Carradine is far from the worst offender. Because no matter how crazy drunk he appears in the infomercial, he’s only crazy because of the drink. He has to get drunk to go to crazy town, athletes have a full time residency. With the exception of the absolutely fantastic George Forman grill (thank you again for giving it to me on Christmas aunt Becky. I swear I use it all the time. Just like my miniature popcorn machine from last year and the miniature rice cooker from the year before that. I definitely did not regift them immediately), every celebrity endorsed product by an athlete is fucking banana balls crazy.
Muhammad Ali had his name on roach traps, Joe Namath endorsed panty hose and Jimmy Johnson made an ExtenZe commercial so cringe worthy, your face almost collapses in on itself from the wincing.

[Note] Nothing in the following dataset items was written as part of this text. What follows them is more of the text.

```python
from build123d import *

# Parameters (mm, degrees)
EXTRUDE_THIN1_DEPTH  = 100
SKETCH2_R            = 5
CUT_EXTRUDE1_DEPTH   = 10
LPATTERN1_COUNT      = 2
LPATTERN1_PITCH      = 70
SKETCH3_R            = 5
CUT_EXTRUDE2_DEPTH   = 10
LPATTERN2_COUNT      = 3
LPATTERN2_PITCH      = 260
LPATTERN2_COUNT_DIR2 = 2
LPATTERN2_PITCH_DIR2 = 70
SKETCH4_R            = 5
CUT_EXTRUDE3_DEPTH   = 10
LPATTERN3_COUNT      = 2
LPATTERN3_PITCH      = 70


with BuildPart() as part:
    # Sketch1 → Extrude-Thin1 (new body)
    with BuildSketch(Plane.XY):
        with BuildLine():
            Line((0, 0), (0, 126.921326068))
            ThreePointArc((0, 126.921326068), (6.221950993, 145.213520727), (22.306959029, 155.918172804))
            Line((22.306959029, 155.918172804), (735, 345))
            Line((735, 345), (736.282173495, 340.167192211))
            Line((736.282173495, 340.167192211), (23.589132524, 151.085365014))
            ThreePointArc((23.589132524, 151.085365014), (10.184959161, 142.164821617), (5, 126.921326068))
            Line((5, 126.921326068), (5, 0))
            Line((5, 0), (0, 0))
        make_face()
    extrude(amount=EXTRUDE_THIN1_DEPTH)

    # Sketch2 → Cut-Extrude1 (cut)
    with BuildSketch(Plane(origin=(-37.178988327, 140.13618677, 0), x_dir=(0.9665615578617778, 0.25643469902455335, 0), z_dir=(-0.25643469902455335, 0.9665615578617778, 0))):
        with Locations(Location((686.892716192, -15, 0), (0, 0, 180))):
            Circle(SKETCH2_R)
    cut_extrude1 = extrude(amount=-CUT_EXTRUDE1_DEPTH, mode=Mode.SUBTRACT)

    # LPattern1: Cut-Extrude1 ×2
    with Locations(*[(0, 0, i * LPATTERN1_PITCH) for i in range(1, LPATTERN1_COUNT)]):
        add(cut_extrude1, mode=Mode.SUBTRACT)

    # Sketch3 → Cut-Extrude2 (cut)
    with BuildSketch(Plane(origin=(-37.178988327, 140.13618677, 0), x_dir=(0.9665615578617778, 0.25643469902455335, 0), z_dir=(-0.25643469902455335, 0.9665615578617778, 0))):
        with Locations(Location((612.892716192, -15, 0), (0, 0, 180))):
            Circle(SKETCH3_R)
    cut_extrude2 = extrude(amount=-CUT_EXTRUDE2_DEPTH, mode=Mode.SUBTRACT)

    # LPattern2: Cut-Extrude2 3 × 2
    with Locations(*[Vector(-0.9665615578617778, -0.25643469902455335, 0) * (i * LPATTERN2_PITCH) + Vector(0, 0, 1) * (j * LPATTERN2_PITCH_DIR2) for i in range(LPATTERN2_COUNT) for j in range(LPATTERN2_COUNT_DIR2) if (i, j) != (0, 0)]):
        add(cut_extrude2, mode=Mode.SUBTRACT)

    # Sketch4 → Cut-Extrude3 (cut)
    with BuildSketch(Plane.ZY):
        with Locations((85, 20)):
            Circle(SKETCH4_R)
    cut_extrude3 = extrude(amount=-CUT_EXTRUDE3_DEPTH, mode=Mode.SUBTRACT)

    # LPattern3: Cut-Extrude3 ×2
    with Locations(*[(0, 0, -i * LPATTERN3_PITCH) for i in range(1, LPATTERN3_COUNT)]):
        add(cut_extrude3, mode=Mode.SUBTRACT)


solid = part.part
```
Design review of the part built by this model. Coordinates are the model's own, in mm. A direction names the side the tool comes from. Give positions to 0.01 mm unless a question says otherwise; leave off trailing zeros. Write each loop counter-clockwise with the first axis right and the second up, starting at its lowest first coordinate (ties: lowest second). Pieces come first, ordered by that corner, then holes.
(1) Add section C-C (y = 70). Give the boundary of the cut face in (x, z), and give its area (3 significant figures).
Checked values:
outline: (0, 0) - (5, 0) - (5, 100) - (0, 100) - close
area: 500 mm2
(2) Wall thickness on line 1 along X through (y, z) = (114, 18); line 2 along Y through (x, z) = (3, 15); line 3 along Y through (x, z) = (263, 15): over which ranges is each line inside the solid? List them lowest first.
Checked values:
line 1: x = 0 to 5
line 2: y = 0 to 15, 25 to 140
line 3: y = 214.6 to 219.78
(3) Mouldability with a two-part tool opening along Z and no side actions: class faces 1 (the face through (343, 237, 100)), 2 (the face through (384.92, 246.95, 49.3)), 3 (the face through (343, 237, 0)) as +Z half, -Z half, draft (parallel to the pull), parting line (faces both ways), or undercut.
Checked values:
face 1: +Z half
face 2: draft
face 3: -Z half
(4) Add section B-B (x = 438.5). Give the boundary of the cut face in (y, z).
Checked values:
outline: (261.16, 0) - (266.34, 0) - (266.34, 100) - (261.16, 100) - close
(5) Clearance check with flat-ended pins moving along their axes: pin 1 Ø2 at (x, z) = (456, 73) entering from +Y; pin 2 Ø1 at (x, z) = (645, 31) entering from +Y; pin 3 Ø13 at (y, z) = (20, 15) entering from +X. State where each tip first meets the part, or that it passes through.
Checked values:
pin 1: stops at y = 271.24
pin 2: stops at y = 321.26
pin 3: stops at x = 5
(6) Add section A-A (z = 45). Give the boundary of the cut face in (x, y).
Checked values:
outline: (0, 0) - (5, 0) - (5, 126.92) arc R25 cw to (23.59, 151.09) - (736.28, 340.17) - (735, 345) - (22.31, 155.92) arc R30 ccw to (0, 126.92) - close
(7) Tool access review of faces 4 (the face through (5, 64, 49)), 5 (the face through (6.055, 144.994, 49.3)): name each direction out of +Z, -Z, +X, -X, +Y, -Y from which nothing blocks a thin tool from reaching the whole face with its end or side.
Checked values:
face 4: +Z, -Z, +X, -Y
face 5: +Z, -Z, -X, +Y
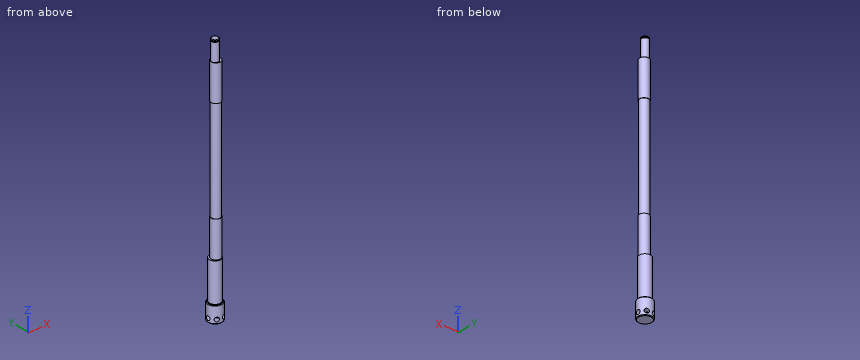
```python
from build123d import *

# Parameters (mm, degrees)
SKETCH1_R           = 6
BOSS_EXTRUDE1_DEPTH = 7
SKETCH2_R           = 4.75
BOSS_EXTRUDE2_DEPTH = 32
SKETCH3_R           = 4
BOSS_EXTRUDE3_DEPTH = 30
SKETCH4_R           = 3.75
BOSS_EXTRUDE4_DEPTH = 85
SKETCH5_R           = 4
BOSS_EXTRUDE5_DEPTH = 30
SKETCH6_R           = 3
BOSS_EXTRUDE6_DEPTH = 16.5
SKETCH8_W           = 1.531468115
SKETCH8_H           = 0.6
CHAMFER1_SIZE       = 0.5
SKETCH11_R          = 1.75
CUT_EXTRUDE1_DEPTH  = 11.5
CIRPATTERN1_COUNT   = 3
CIRPATTERN1_ANGLE   = 120
CHAMFER2_SIZE       = 0.5


with BuildPart() as part:
    # Sketch1 → Boss-Extrude1 (new, symmetric)
    with BuildSketch(Plane.XY):
        Circle(SKETCH1_R)
    extrude(amount=BOSS_EXTRUDE1_DEPTH, both=True)

    # Sketch2 → Boss-Extrude2 (add)
    with BuildSketch(Plane.XY.offset(7)):
        Circle(SKETCH2_R)
    extrude(amount=BOSS_EXTRUDE2_DEPTH)

    # Sketch3 → Boss-Extrude3 (add)
    with BuildSketch(Plane.XY.offset(39)):
        with Locations((0.75, 0)):
            Circle(SKETCH3_R)
    extrude(amount=BOSS_EXTRUDE3_DEPTH)

    # Sketch4 → Boss-Extrude4 (add)
    with BuildSketch(Plane.XY.offset(69)):
        with Locations((0.75, 0)):
            Circle(SKETCH4_R)
    extrude(amount=BOSS_EXTRUDE4_DEPTH)

    # Sketch5 → Boss-Extrude5 (add)
    with BuildSketch(Plane.XY.offset(154)):
        with Locations((0.75, 0)):
            Circle(SKETCH5_R)
    extrude(amount=BOSS_EXTRUDE5_DEPTH)

    # Sketch6 → Boss-Extrude6 (add)
    with BuildSketch(Plane.XY.offset(184)):
        Circle(SKETCH6_R)
    extrude(amount=BOSS_EXTRUDE6_DEPTH)

    # Sketch8 → Cut-Revolve1 (revolve, cut)
    with BuildSketch(Plane(origin=(0, 0, 0), x_dir=(1, 0, 0), z_dir=(0, 1, 0)), mode=Mode.PRIVATE) as cut_revolve1_sk:
        with Locations((3.565734058, -199.2)):
            Rectangle(SKETCH8_W, SKETCH8_H)
    revolve(cut_revolve1_sk.sketch.rotate(Axis((0, 0, 0), (0, 0, 1)), 180), axis=Axis((0, 0, 0), (0, 0, 1)), mode=Mode.SUBTRACT)

    # Chamfer1
    chamfer1_edges = [part.edges().sort_by_distance(p)[0] for p in [
        (-6, 0, -7),
        (-6, 0, 7),
    ]]
    chamfer(chamfer1_edges, length=CHAMFER1_SIZE)

    # Sketch11 → Cut-Extrude1 (cut, symmetric)
    with BuildSketch(Plane(origin=(0, 0, 0), x_dir=(0, 0, -1), z_dir=(1, 0, 0))):
        with Locations(Location((3.5, 0, 0), (0, 0, 180))):
            Circle(SKETCH11_R)
    cut_extrude1 = extrude(amount=CUT_EXTRUDE1_DEPTH, both=True, mode=Mode.SUBTRACT)

    # CirPattern1: Cut-Extrude1 ×3 about axis
    cirpattern1_axis = Axis((0, 0, 7), (0, 0, -1))
    for i in range(1, CIRPATTERN1_COUNT):
        add(cut_extrude1.rotate(cirpattern1_axis, i * CIRPATTERN1_ANGLE / (CIRPATTERN1_COUNT - 1)), mode=Mode.SUBTRACT)

    # Chamfer2
    chamfer2_edges = [part.edges().sort_by_distance(p)[0] for p in [
        (-3, 0, 200.5),
    ]]
    chamfer(chamfer2_edges, length=CHAMFER2_SIZE)


solid = part.part
```
Input: part model. Units: mm. Frame: model coordinates. Give positions to 0.01 mm unless a question says otherwise; leave off trailing zeros. Write each loop counter-clockwise with the first axis right and the second up, starting at its lowest first coordinate (ties: lowest second). Pieces come first, ordered by that corner, then holes. Notation, with made-up numbers: (26.5, 86) - (36.5, 86) arc R8 cw to (36.5, 91) - close; hole circle Ø10 at (89, -34). An arc over 180 degrees is marked (long way). Write item = value, one per line. Start each with the question number.
1. First-contact query: pin 1 Ø2 at (x, z) = (-3, 137) entering from -Y; pin 2 Ø6 at (y, z) = (3.5, 26) entering from -X; pin 3 Ø6 at (x, z) = (-1, 82) entering from +Y. Flat tips, straight axial feed; report the tip coordinate or a pass-through.
2. Ray query, L1, parallel to Y at x = 3.75, z = -3.5; L2, parallel to Z at x = 1, y = -1; L3, parallel to Y at x = 1, z = 75. Return the intervals inside material, ascending.
3. Section query B-B, the plane z = 11. Output: boundary loops of the cut face in (x, y).
4. Section query A-A, the plane z = 92. Output: boundary loops of the cut face in (x, y), then the cut area to 3 significant figures.
Check sheet entries:
q1.pin_1 = -2.55
q1.pin_2 = -4.72
q1.pin_3 = 3.75
q2.L1 = -3 to -1.75, 1.75 to 3
q2.L2 = -7 to -5.21, -1.79 to 200.5
q2.L3 = -3.74 to 3.74
q3.outline = circle Ø9.5 at (0, 0)
q4.outline = circle Ø7.5 at (0.75, 0)
q4.area = 44.2 mm2
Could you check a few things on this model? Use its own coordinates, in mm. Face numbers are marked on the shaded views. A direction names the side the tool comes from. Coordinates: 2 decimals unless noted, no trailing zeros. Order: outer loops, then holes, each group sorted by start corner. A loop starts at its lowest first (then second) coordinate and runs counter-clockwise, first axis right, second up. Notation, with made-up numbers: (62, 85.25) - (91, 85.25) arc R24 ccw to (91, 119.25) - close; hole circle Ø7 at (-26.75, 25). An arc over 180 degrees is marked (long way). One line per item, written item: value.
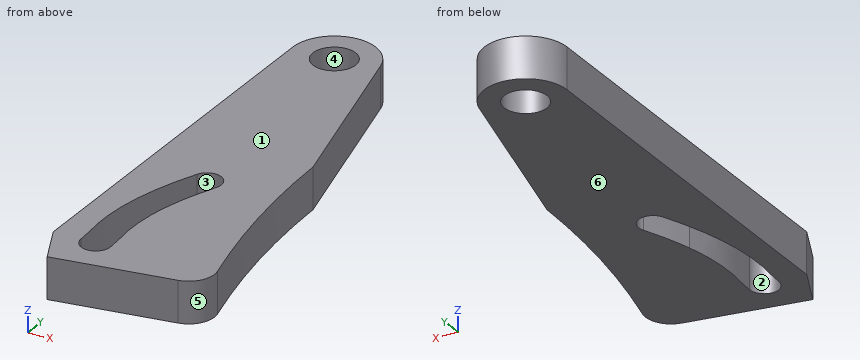
from build123d import *

# Parameters (mm, degrees)
SKETCH_1_R      = 1.55
EXTRUDE_1_DEPTH = 3


with BuildPart() as part:
    # 草图1 (on Front Plane) → 凸台-拉伸1 (new body)
    with BuildSketch(Plane.XY):
        with BuildLine():
            Line((3.816218697, 0.711369777), (0.741076539, 14.191366792))
            ThreePointArc((0.741076539, 14.191366792), (-2.49053861, 16.508405149), (-5.183215516, 13.582402021))
            Line((-5.183215516, 13.582402021), (-5.732788153, -14.705577537))
            Line((-5.732788153, -14.705577537), (-4.408096335, -17.704776028))
            Line((-4.408096335, -17.704776028), (4.127837654, -16.252589359))
            ThreePointArc((4.127837654, -16.252589359), (5.371423242, -15.437528643), (5.619036958, -13.971405684))
            ThreePointArc((5.619036958, -13.971405684), (4.268609288, -6.685150501), (3.816218697, 0.711369777))
        make_face()
        with Locations((-2.183781514, 13.524129678)):
            Circle(SKETCH_1_R, mode=Mode.SUBTRACT)
        with BuildLine():
            ThreePointArc((-3.783386383, -14.657279108), (-2.707701661, -15.680950138), (-1.684030631, -14.605265415))
            add(Edge.make_bspline(
                [(-1.684030631, -14.605265415), (-1.698385943, -14.230913496), (-1.690645088, -13.65109076), (-1.790811076, -12.90815818), (-1.819576713, -12.363575922), (-1.822848669, -11.844967012), (-1.807105928, -11.320378821), (-1.768151471, -10.788389789), (-1.707646295, -10.25185083), (-1.625402268, -9.709964922), (-1.486001031, -8.974109842), (-1.351215721, -8.423808693), (-1.249236023, -8.057041386)],
                knots=[0, 0, 0, 0, 0.170354994, 0.26229743, 0.340043602, 0.417823563, 0.497759338, 0.578301179, 0.659976625, 0.742887413, 0.827131807, 1, 1, 1, 1], degree=3))
            add(Edge.make_bspline(
                [(0.03013882, -4.613074169), (-0.143309735, -4.996054164), (-0.391510935, -5.572837816), (-0.692509933, -6.347460357), (-0.964714861, -7.105557392), (-1.143447826, -7.676581339), (-1.249236023, -8.057041386)],
                knots=[0, 0, 0, 0, 0.342979707, 0.512099324, 0.677879853, 1, 1, 1, 1], degree=3))
            ThreePointArc((0.03013882, -4.613074169), (-0.488256217, -3.213540285), (-1.882444762, -3.746144084))
            add(Edge.make_bspline(
                [(-3.783386383, -14.657279108), (-3.799290999, -14.2981548), (-3.786309002, -13.774144994), (-3.886484574, -13.055813522), (-3.915903208, -12.486133418), (-3.923833984, -11.87345296), (-3.906620769, -11.257653943), (-3.849073975, -10.432184554), (-3.741043656, -9.603680421), (-3.586380227, -8.77634916), (-3.446679883, -8.151733856), (-3.28447898, -7.525898679), (-3.10051603, -6.898880381), (-2.895571139, -6.270661953), (-2.670469593, -5.64113868), (-2.342560405, -4.794442901), (-2.072047563, -4.164799113), (-1.882444762, -3.746144084)],
                knots=[0, 0, 0, 0, 0.096210271, 0.139297547, 0.1935541, 0.248477319, 0.302979464, 0.358078206, 0.469497102, 0.525932365, 0.582904263, 0.640455034, 0.69862477, 0.757451361, 0.816970378, 0.877214945, 1, 1, 1, 1], degree=3))
        make_face(mode=Mode.SUBTRACT)
    extrude(amount=EXTRUDE_1_DEPTH)


solid = part.part
Item 1: I'm going to push flat-ended pins straight in: pin 1 Ø1.5 at (x, y) = (4.5, 3.5) entering from +Z; pin 2 Ø1 at (x, z) = (2.5, 2) entering from -Y. Where does each tip first touch, or does it pass through?
Conclusion:
pin 1: through
pin 2: y = -16.61
Item 2: I want a section at C-C on x = 3.5. Please give me the cut outline in (y, z).
Conclusion:
outline: (-16.36, 0) - (2.1, 0) - (2.1, 3) - (-16.36, 3) - close
Item 3: If I drill on probe 1 along X at (y, z) = (-14.5, 1.85); probe 2 along X at (y, z) = (-10.5, 2.45); probe 3 along Y at (x, z) = (0, 1.3), over which ranges is the centre line in solid material (lowest first)?
Conclusion:
probe 1: -5.73 to -3.79, -1.69 to 5.67
probe 2: -5.65 to -3.85, -1.73 to 4.86
probe 3: -16.95 to -4.68, -3.67 to 15.58
Item 4: I want a section at B-B on y = 5. Please give me the cut outline in (x, z).
Conclusion:
outline: (-5.35, 0) - (2.84, 0) - (2.84, 3) - (-5.35, 3) - close
Item 5: I want a section at A-A on z = 2.2. Give the number of separate pieces and of enclosed holes in the cut face, then the cut area to 3 significant figures.
Conclusion:
separate pieces: 1
enclosed holes: 2
area: 257 mm²
Item 6: For the marked faces 1 and 2, which set-ups out of +Z, -Z, +X, -X, +Y, -Y let a thin tool reach every point of the face, with its end or its side?
Conclusion:
face 1: +Z, +X, -X, +Y, -Y
face 2: +Z, -Z
Item 7: Thinking about a two-plate mould opening in Y: for the marked faces 3, 4, 5 and 6, which applies, pulls with the +Y half, pulls with the -Y half, needs draft (parallel to the pull), parting line crosses it, or undercut?
Conclusion:
face 3: undercut
face 4: undercut
face 5: parting line crosses it
face 6: needs draft

And that’s just the commercials and adverts. Some are cocky/crazy enough to believe that, if America can handle 30 seconds of their face on tv, they can handle a 90 minute movie. That’s where a studio or produce would marry the two ideas into one believable package. Wrestlers are clearly action stars, basketball players can be in sports dramas but what about football players? They’re built like wrestlers but they have no acting training, so there’s no way they can pull a drama or comedy.
Kids film. Kids’ll eat any amount of shit you put in front of them as long as things are moving and there are at least three colors on screen at any given time. But writing a kids film is hard. You have to come up with an idea, and then write it and it’s a whole process. Isn’t there an easier way?
The answer is yes. There is an easier way. As long as you’re crazier than a fucking loon and could give two shits less about copyright infringement. All you need to do is take your favorite athlete, put them into your favorite film and voila! instant success.
For those of you that lead such incredibly interesting lives that you couldn’t spare 17 minutes to watch a short, you missed out on what is, for my money, the craziest thing a celebrity has ever put their name on.
Masters of the Gridiron is The Lord of the Rings cut down to 15 minutes and the fellowship is made up of football players. Oh and Saruman is played by Tiny Tim. There are also ninjas, a bear (which somebody wrestles) and a music video. It’s the kind of insane hodge podge of ideas William “The Refrigerator” Perry would come up with after his 87th concussion.
And it’s amazing.
Four years after that masterpiece, somebody decided it would be a great idea to roll the dice one more time. Going back to the aforementioned two rules of success, all we need is another film to rip off but which one?
It’s E.T. but with steroid injected meat puppets and a little person dressed up as an alien dog man.
Thank Christ for all of that sweet, sweet 80’s cocaine because there’s no fucking way on earth this would exist without it.
Bonus Entry: Doctor Death
This has nothing to do with crazy athletes. So there’s not much in the way of a usable segue (unless you count the football helmets everyone wears) but keeping in the tradition of ripping off Hollywood movies, Doctor Death is a group of 15 year olds doing their damnedest to create their own Mad Max. And it fucking works.